# Data cleaning

In [None]:
import pandas as pd
import numpy as np
housing = pd.read_csv('housing.csv')

Remove unnecessary columns

In [None]:
housing = housing_df.drop(["column_name"], axis=1)

Seperate Numerical and categorical data

In [None]:
housing_cat = housing[["ocean_proximity"]]
housing_target = housing["median_house_value"]
housing_num = housing.drop(["ocean_proximity","median_house_value"], axis=1)

In [None]:
print(housing_num.head())
print(housing_cat.head())
print(housing_target.head())

## Handling missing values

Manually filling missing values in a column with the median value

In [None]:
housing["total_bedrooms"].fillna(housing["total_bedrooms"].median(), inplace=True)

### SimpleImputer 
- Scikit-Learn provides a handy class to take care of missing values: SimpleImputer.
- Create a SimpleImputer instance, specifying that we want to replace each attribute’s missing values with the median of that attribute.
- median can only be computed on numerical attributes, we need to create a copy of the data without the text attribute(categorical data)

In [None]:
from sklearn.impute import SimpleImputer
imputer = SimpleImputer(strategy="median")

- Now we can fit the imputer instance to the training data using the fit() method
- we cannot be sure that there won’t be any missing values in new data after the system goes live, so it is safer to apply the imputer to all the numerical attributes.

In [None]:
imputer.fit(housing_num)

The imputer has simply computed the median of each attribute and stored the result in its statistics_

In [None]:
imputer.statistics_

- Now we can use this “trained” imputer to transform the training set by replacing missing values by the learned medians.

In [None]:
X = imputer.transform(housing_num)

- The result is a plain NumPy array containing the transformed features. To put it back into a Pandas DataFrame use pd.DataFrame

In [None]:
housing_tr = pd.DataFrame(X, columns=housing_num.columns)
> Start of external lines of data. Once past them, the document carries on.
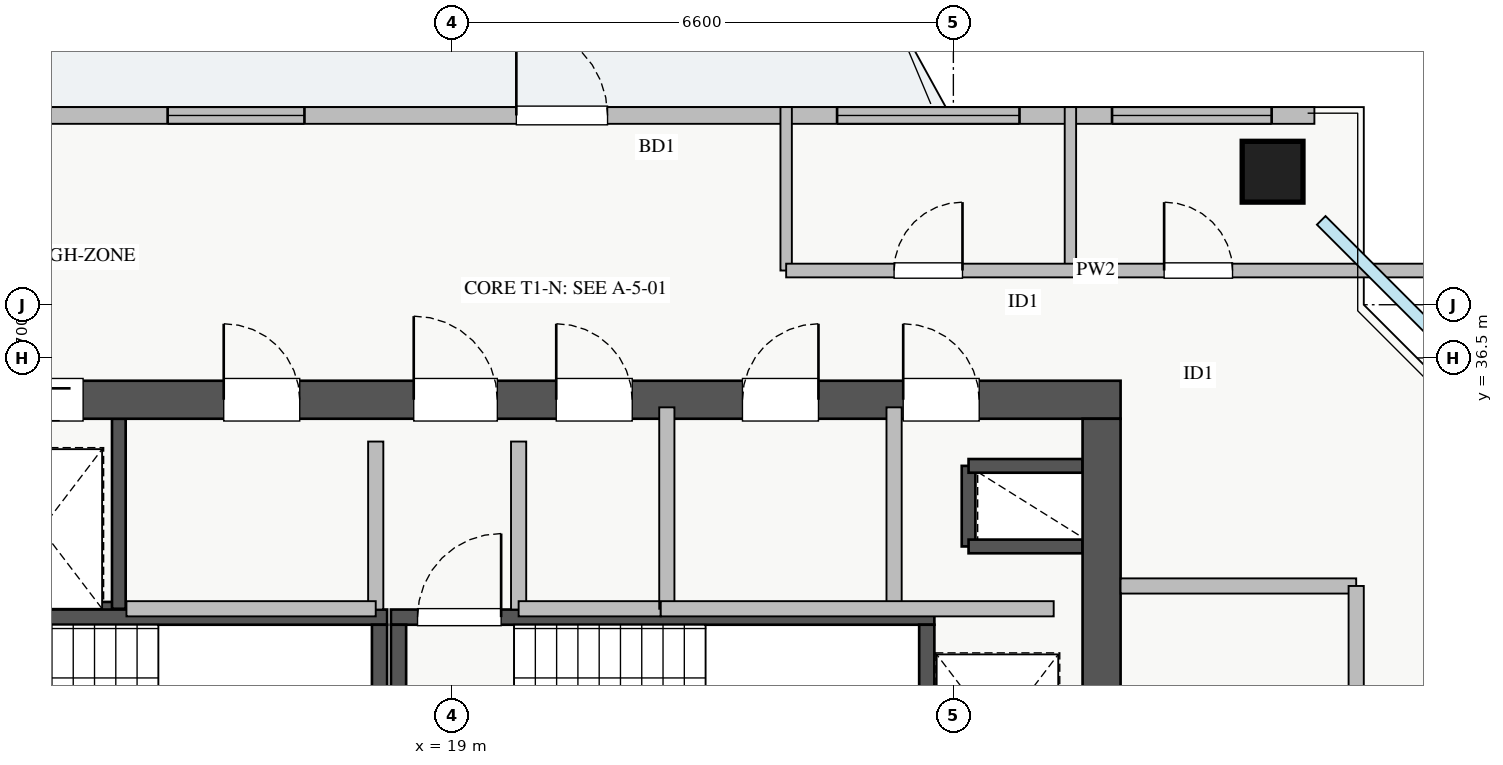
"""IFC4 building model, lengths in metres.
Left out: names, types, materials, properties, quantities, classifications, styles, units other than length and angle.
Written with IfcOpenShell. Run it as: python <this file> out.ifc"""

import sys

from ifc_helpers import new_model, si_unit, direction, frame, frame_2d, origin, origin_2d, place, context, subcontext, project, spatial, rectangle, extrude, source, transform, mapped, element, fill, save


model = new_model("IFC4")
c1 = context("Model", 3, precision=1e-05, world=origin(), true_north=direction((0.0, 1.0)))
c2 = subcontext(c1, "Body", "Model", "MODEL_VIEW")
j1 = project(units=[si_unit("LENGTHUNIT", "METRE"), si_unit("PLANEANGLEUNIT", "RADIAN")], contexts=[c1])
p1 = place(None, origin())
s1 = spatial("IfcSite", under=j1, at=p1, CompositionType="ELEMENT")
p2 = place(p1, origin())
s2 = spatial("IfcBuilding", under=s1, at=p2, CompositionType="ELEMENT")
p3 = place(p2, frame((0.0, 0.0, 216.5)))
s3 = spatial("IfcBuildingStorey", under=s2, at=p3, CompositionType="ELEMENT", Elevation=216.5)
p4 = place(p3, frame((12.68, 33.2, 0.0), z_axis=(0.0, 0.0, 1.0), x_axis=(1.0, 0.0, 0.0)))
e1 = element("IfcWall", 1, at=p4, inside=s3, PredefinedType="SHEAR", context=c2, shape_type="SweptSolid", body=[
    extrude(rectangle(XDim=1.94, YDim=0.18, at=frame_2d((0.97, 0.0))), origin(), (0.0, 0.0, 1.0), 3.07),
])
p5 = place(p3, frame((14.62, 33.2, 0.0), z_axis=(0.0, 0.0, 1.0), x_axis=(0.0, 1.0, 0.0)))
e2 = element("IfcWall", 2, at=p5, inside=s3, PredefinedType="SHEAR", context=c2, shape_type="SweptSolid", body=[
    extrude(rectangle(XDim=2.5, YDim=0.18, at=frame_2d((1.25, 0.0))), origin(), (0.0, 0.0, 1.0), 3.07),
])
p6 = place(p3, frame((25.8, 34.02, 0.0), z_axis=(0.0, 0.0, 1.0), x_axis=(0.0, 1.0, 0.0)))
e3 = element("IfcWall", 3, at=p6, inside=s3, PredefinedType="SHEAR", context=c2, shape_type="SweptSolid", body=[
    extrude(rectangle(XDim=1.06, YDim=0.18, at=frame_2d((0.53, 0.0))), origin(), (0.0, 0.0, 1.0), 3.07),
])
for number, where, z_axis, x_axis in (
    (4, (25.8, 35.08, 0.0), (0.0, 0.0, 1.0), (1.0, 0.0, 0.0)),
    (5, (25.8, 34.02, 0.0), (0.0, 0.0, 1.0), (1.0, 0.0, 0.0)),
):
    element("IfcWall", number, at=place(p3, frame(where, z_axis=z_axis, x_axis=x_axis)), inside=s3, PredefinedType="SHEAR", context=c2, shape_type="SweptSolid", body=[
        extrude(rectangle(XDim=1.5, YDim=0.18, at=frame_2d((0.75, 0.0))), origin(), (0.0, 0.0, 1.0), 3.07),
    ])
p7 = place(p3, frame((10.7, 33.09, 0.0), z_axis=(0.0, 0.0, 1.0), x_axis=(1.0, 0.0, 0.0)))
e6 = element("IfcWall", 6, at=p7, inside=s3, PredefinedType="SHEAR", context=c2, shape_type="SweptSolid", body=[
    extrude(rectangle(XDim=7.45, YDim=0.2, at=frame_2d((3.725, 0.0))), origin(), (0.0, 0.0, 1.0), 3.25),
])
p8 = place(p7, frame((0.35, 0.0, 0.0)))
e7 = element("IfcOpeningElement", 7, at=p8, cuts=e6, PredefinedType="OPENING", context=c2, shape_type="SweptSolid", body=[
    extrude(rectangle(XDim=1.1, YDim=2.05, at=frame_2d((0.55, 1.025))), frame((0.0, 0.11, 0.0), z_axis=(0.0, -1.0, 0.0), x_axis=(1.0, 0.0, 0.0)), (0.0, 0.0, 1.0), 0.22),
])
p9 = place(p3, frame((18.05, 30.05, 0.0), z_axis=(0.0, 0.0, 1.0), x_axis=(0.0, 1.0, 0.0)))
e8 = element("IfcWall", 8, at=p9, inside=s3, PredefinedType="SHEAR", context=c2, shape_type="SweptSolid", body=[
    extrude(rectangle(XDim=2.94, YDim=0.2, at=frame_2d((1.47, 0.0))), origin(), (0.0, 0.0, 1.0), 3.25),
])
p10 = place(p3, frame((18.2, 33.09, 0.0), z_axis=(0.0, 0.0, 1.0), x_axis=(1.0, 0.0, 0.0)))
e9 = element("IfcWall", 9, at=p10, inside=s3, PredefinedType="SHEAR", context=c2, shape_type="SweptSolid", body=[
    extrude(rectangle(XDim=7.15, YDim=0.2, at=frame_2d((3.575, 0.0))), origin(), (0.0, 0.0, 1.0), 3.25),
])
p11 = place(p10, frame((0.35, 0.0, 0.0)))
e10 = element("IfcOpeningElement", 10, at=p11, cuts=e9, PredefinedType="OPENING", context=c2, shape_type="SweptSolid", body=[
    extrude(rectangle(XDim=1.1, YDim=2.05, at=frame_2d((0.55, 1.025))), frame((0.0, 0.11, 0.0), z_axis=(0.0, -1.0, 0.0), x_axis=(1.0, 0.0, 0.0)), (0.0, 0.0, 1.0), 0.22),
])
for number, where, z_axis, x_axis in (
    (11, (18.3, 30.05, 0.0), (0.0, 0.0, 1.0), (0.0, 1.0, 0.0)),
    (12, (25.25, 30.05, 0.0), (0.0, 0.0, 1.0), (0.0, 1.0, 0.0)),
):
    element("IfcWall", number, at=place(p3, frame(where, z_axis=z_axis, x_axis=x_axis)), inside=s3, PredefinedType="SHEAR", context=c2, shape_type="SweptSolid", body=[
        extrude(rectangle(XDim=2.94, YDim=0.2, at=frame_2d((1.47, 0.0))), origin(), (0.0, 0.0, 1.0), 3.25),
    ])
p12 = place(p3, frame((10.2, 35.95, 0.0), z_axis=(0.0, 0.0, 1.0), x_axis=(1.0, 0.0, 0.0)))
e13 = element("IfcWall", 13, at=p12, inside=s3, PredefinedType="SHEAR", context=c2, shape_type="SweptSolid", body=[
    extrude(rectangle(XDim=17.6, YDim=0.5, at=frame_2d((8.8, 0.0))), origin(), (0.0, 0.0, 1.0), 3.25),
])
p13 = place(p12, frame((1.15, 0.0, 0.0)))
e14 = element("IfcOpeningElement", 14, at=p13, cuts=e13, PredefinedType="OPENING", context=c2, shape_type="SweptSolid", body=[
    extrude(rectangle(XDim=1.1, YDim=2.05, at=frame_2d((0.55, 1.025))), frame((0.0, 0.26, 0.0), z_axis=(0.0, -1.0, 0.0), x_axis=(1.0, 0.0, 0.0)), (0.0, 0.0, 1.0), 0.52),
])
p14 = place(p12, frame((8.3, 0.0, 0.0)))
e15 = element("IfcOpeningElement", 15, at=p14, cuts=e13, PredefinedType="OPENING", context=c2, shape_type="SweptSolid", body=[
    extrude(rectangle(XDim=1.1, YDim=2.05, at=frame_2d((0.55, 1.025))), frame((0.0, 0.26, 0.0), z_axis=(0.0, -1.0, 0.0), x_axis=(1.0, 0.0, 0.0)), (0.0, 0.0, 1.0), 0.52),
])
p15 = place(p12, frame((2.85, 0.0, 0.0)))
e16 = element("IfcOpeningElement", 16, at=p15, cuts=e13, PredefinedType="OPENING", context=c2, shape_type="SweptSolid", body=[
    extrude(rectangle(XDim=1.1, YDim=2.05, at=frame_2d((0.55, 1.025))), frame((0.0, 0.26, 0.0), z_axis=(0.0, -1.0, 0.0), x_axis=(1.0, 0.0, 0.0)), (0.0, 0.0, 1.0), 0.52),
])
p16 = place(p12, frame((5.8, 0.0, 0.0)))
e17 = element("IfcOpeningElement", 17, at=p16, cuts=e13, PredefinedType="OPENING", context=c2, shape_type="SweptSolid", body=[
    extrude(rectangle(XDim=1.0, YDim=2.05, at=frame_2d((0.5, 1.025))), frame((0.0, 0.26, 0.0), z_axis=(0.0, -1.0, 0.0), x_axis=(1.0, 0.0, 0.0)), (0.0, 0.0, 1.0), 0.52),
])
p17 = place(p12, frame((14.74, 0.0, 0.0)))
e18 = element("IfcOpeningElement", 18, at=p17, cuts=e13, PredefinedType="OPENING", context=c2, shape_type="SweptSolid", body=[
    extrude(rectangle(XDim=1.0, YDim=2.05, at=frame_2d((0.5, 1.025))), frame((0.0, 0.26, 0.0), z_axis=(0.0, -1.0, 0.0), x_axis=(1.0, 0.0, 0.0)), (0.0, 0.0, 1.0), 0.52),
])
p18 = place(p12, frame((10.175, 0.0, 0.0)))
e19 = element("IfcOpeningElement", 19, at=p18, cuts=e13, PredefinedType="OPENING", context=c2, shape_type="SweptSolid", body=[
    extrude(rectangle(XDim=1.0, YDim=2.05, at=frame_2d((0.5, 1.025))), frame((0.0, 0.26, 0.0), z_axis=(0.0, -1.0, 0.0), x_axis=(1.0, 0.0, 0.0)), (0.0, 0.0, 1.0), 0.52),
])
p19 = place(p12, frame((12.625, 0.0, 0.0)))
e20 = element("IfcOpeningElement", 20, at=p19, cuts=e13, PredefinedType="OPENING", context=c2, shape_type="SweptSolid", body=[
    extrude(rectangle(XDim=1.0, YDim=2.05, at=frame_2d((0.5, 1.025))), frame((0.0, 0.26, 0.0), z_axis=(0.0, -1.0, 0.0), x_axis=(1.0, 0.0, 0.0)), (0.0, 0.0, 1.0), 0.52),
])
p20 = place(p3, frame((27.55, 29.5, 0.0), z_axis=(0.0, 0.0, 1.0), x_axis=(0.0, 1.0, 0.0)))
e21 = element("IfcWall", 21, at=p20, inside=s3, PredefinedType="SHEAR", context=c2, shape_type="SweptSolid", body=[
    extrude(rectangle(XDim=6.2, YDim=0.5, at=frame_2d((3.1, 0.0))), origin(), (0.0, 0.0, 1.0), 3.25),
])
p21 = place(p20, frame((1.1, 0.0, 0.0)))
e22 = element("IfcOpeningElement", 22, at=p21, cuts=e21, PredefinedType="OPENING", context=c2, shape_type="SweptSolid", body=[
    extrude(rectangle(XDim=1.3, YDim=2.05, at=frame_2d((0.65, 1.025))), frame((0.0, 0.26, 0.0), z_axis=(0.0, -1.0, 0.0), x_axis=(1.0, 0.0, 0.0)), (0.0, 0.0, 1.0), 0.52),
])
m1 = source(origin(), c2, "Body", "SweptSolid", [
    extrude(rectangle(XDim=0.8, YDim=0.8, at=origin_2d()), origin(), (0.0, 0.0, 1.0), 3.25),
])
p22 = place(p3, frame((29.8, 38.95, 0.0), z_axis=(0.0, 0.0, 1.0), x_axis=(1.0, 0.0, 0.0)))
e23 = element("IfcColumn", 23, at=p22, inside=s3, PredefinedType="COLUMN", context=c2, shape_type="MappedRepresentation", body=[
    mapped(m1, transform((0.0, 0.0, 0.0), x_axis=(1.0, 0.0, 0.0), y_axis=(0.0, 1.0, 0.0), z_axis=(0.0, 0.0, 1.0), scale=1.0)),
])
p23 = place(p3, frame((7.65, 39.69, 0.0), z_axis=(0.0, 0.0, 1.0), x_axis=(1.0, 0.0, 0.0)))
e24 = element("IfcWall", 24, at=p23, inside=s3, PredefinedType="STANDARD", context=c2, shape_type="SweptSolid", body=[
    extrude(rectangle(XDim=22.7, YDim=0.22, at=frame_2d((11.35, 0.0))), origin(), (0.0, 0.0, 1.0), 2.61),
])
p24 = place(p23, frame((12.2, 0.0, 0.0)))
e25 = element("IfcOpeningElement", 25, at=p24, cuts=e24, PredefinedType="OPENING", context=c2, shape_type="SweptSolid", body=[
    extrude(rectangle(XDim=1.2, YDim=2.1, at=frame_2d((0.6, 1.05))), frame((0.0, 0.12, 0.0), z_axis=(0.0, -1.0, 0.0), x_axis=(1.0, 0.0, 0.0)), (0.0, 0.0, 1.0), 0.24),
])
p25 = place(p23, frame((1.637, 0.0, 0.9)))
e26 = element("IfcOpeningElement", 26, at=p25, cuts=e24, PredefinedType="OPENING", context=c2, shape_type="SweptSolid", body=[
    extrude(rectangle(XDim=2.4, YDim=1.48, at=frame_2d((1.2, 0.74))), frame((0.0, 0.12, 0.0), z_axis=(0.0, -1.0, 0.0), x_axis=(1.0, 0.0, 0.0)), (0.0, 0.0, 1.0), 0.24),
])
p26 = place(p23, frame((7.612, 0.0, 0.9)))
e27 = element("IfcOpeningElement", 27, at=p26, cuts=e24, PredefinedType="OPENING", context=c2, shape_type="SweptSolid", body=[
    extrude(rectangle(XDim=1.8, YDim=1.45, at=frame_2d((0.9, 0.725))), frame((0.0, 0.12, 0.0), z_axis=(0.0, -1.0, 0.0), x_axis=(1.0, 0.0, 0.0)), (0.0, 0.0, 1.0), 0.24),
])
p27 = place(p23, frame((20.038, 0.0, 0.9)))
e28 = element("IfcOpeningElement", 28, at=p27, cuts=e24, PredefinedType="OPENING", context=c2, shape_type="SweptSolid", body=[
    extrude(rectangle(XDim=2.1, YDim=1.5, at=frame_2d((1.05, 0.75))), frame((0.0, 0.12, 0.0), z_axis=(0.0, -1.0, 0.0), x_axis=(1.0, 0.0, 0.0)), (0.0, 0.0, 1.0), 0.24),
])
p28 = place(p23, frame((16.42, 0.0, 0.9)))
e29 = element("IfcOpeningElement", 29, at=p28, cuts=e24, PredefinedType="OPENING", context=c2, shape_type="SweptSolid", body=[
    extrude(rectangle(XDim=2.4, YDim=1.5, at=frame_2d((1.2, 0.75))), frame((0.0, 0.12, 0.0), z_axis=(0.0, -1.0, 0.0), x_axis=(1.0, 0.0, 0.0)), (0.0, 0.0, 1.0), 0.24),
])
p29 = place(p3, frame((27.8, 33.5, 0.0), z_axis=(0.0, 0.0, 1.0), x_axis=(1.0, 0.0, 0.0)))
e30 = element("IfcWall", 30, at=p29, inside=s3, PredefinedType="PARTITIONING", context=c2, shape_type="SweptSolid", body=[
    extrude(rectangle(XDim=3.1, YDim=0.2, at=frame_2d((1.55, 0.0))), origin(), (0.0, 0.0, 1.0), 2.265),
])
p30 = place(p3, frame((30.9, 29.6, 0.0), z_axis=(0.0, 0.0, 1.0), x_axis=(0.0, 1.0, 0.0)))
e31 = element("IfcWall", 31, at=p30, inside=s3, PredefinedType="PARTITIONING", context=c2, shape_type="SweptSolid", body=[
    extrude(rectangle(XDim=3.9, YDim=0.2, at=frame_2d((1.95, 0.0))), origin(), (0.0, 0.0, 1.0), 3.07),
])
p31 = place(p30, frame((1.4, 0.0, 0.0)))
e32 = element("IfcOpeningElement", 32, at=p31, cuts=e31, PredefinedType="OPENING", context=c2, shape_type="SweptSolid", body=[
    extrude(rectangle(XDim=1.1, YDim=2.05, at=frame_2d((0.55, 1.025))), frame((0.0, 0.11, 0.0), z_axis=(0.0, -1.0, 0.0), x_axis=(1.0, 0.0, 0.0)), (0.0, 0.0, 1.0), 0.22),
])
for number, where, z_axis, x_axis in (
    (33, (18.0, 33.19, 0.0), (0.0, 0.0, 1.0), (0.0, 1.0, 0.0)),
    (34, (19.88, 33.19, 0.0), (0.0, 0.0, 1.0), (0.0, 1.0, 0.0)),
):
    element("IfcWall", number, at=place(p3, frame(where, z_axis=z_axis, x_axis=x_axis)), inside=s3, PredefinedType="PARTITIONING", context=c2, shape_type="SweptSolid", body=[
        extrude(rectangle(XDim=2.21, YDim=0.2, at=frame_2d((1.105, 0.0))), origin(), (0.0, 0.0, 1.0), 3.07),
    ])
p32 = place(p3, frame((14.72, 33.2, 0.0), z_axis=(0.0, 0.0, 1.0), x_axis=(1.0, 0.0, 0.0)))
e35 = element("IfcWall", 35, at=p32, inside=s3, PredefinedType="PARTITIONING", context=c2, shape_type="SweptSolid", body=[
    extrude(rectangle(XDim=3.28, YDim=0.2, at=frame_2d((1.64, 0.0))), origin(), (0.0, 0.0, 1.0), 3.07),
])
p33 = place(p3, frame((24.82, 33.2, 0.0), z_axis=(0.0, 0.0, 1.0), x_axis=(0.0, 1.0, 0.0)))
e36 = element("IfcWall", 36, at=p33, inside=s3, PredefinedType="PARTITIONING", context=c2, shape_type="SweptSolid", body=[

imputer is a scikit learn Estimator so it has the fit method. 

Also it is transform so it has the transform() method.

For transformers we can use the fit_transform() method to fit and transform the data simultaneously. 
**fit_transform()** is the optimized method.

In [None]:
X = imputer.fit_transform(housing_num)

## Handling categorical data

- ordinal encoding
- Onehot Encoding

In [None]:
from sklearn.preprocessing import OrdinalEncoder
ordinal_encoder = OrdinalEncoder()
housing_cat_encoded = ordinal_encoder.fit_transform(housing_cat)
housing_cat_encoded[:10]

In [None]:
ordinal_encoder.categories_

In [None]:
from sklearn.preprocessing import OneHotEncoder
cat_encoder = OneHotEncoder()
housing_cat_1hot = cat_encoder.fit_transform(housing_cat)

In [None]:
housing_cat_1hot.toarray()

In [None]:
housing_cat_1hot_df = pd.DataFrame(housing_cat_1hot.toarray(), columns=cat_encoder.get_feature_names_out(["ocean_proximity"]))

In [None]:
housing_cat_1hot_df.describe()

series vs dataframe in pandas df["column"] vs df[["column"]]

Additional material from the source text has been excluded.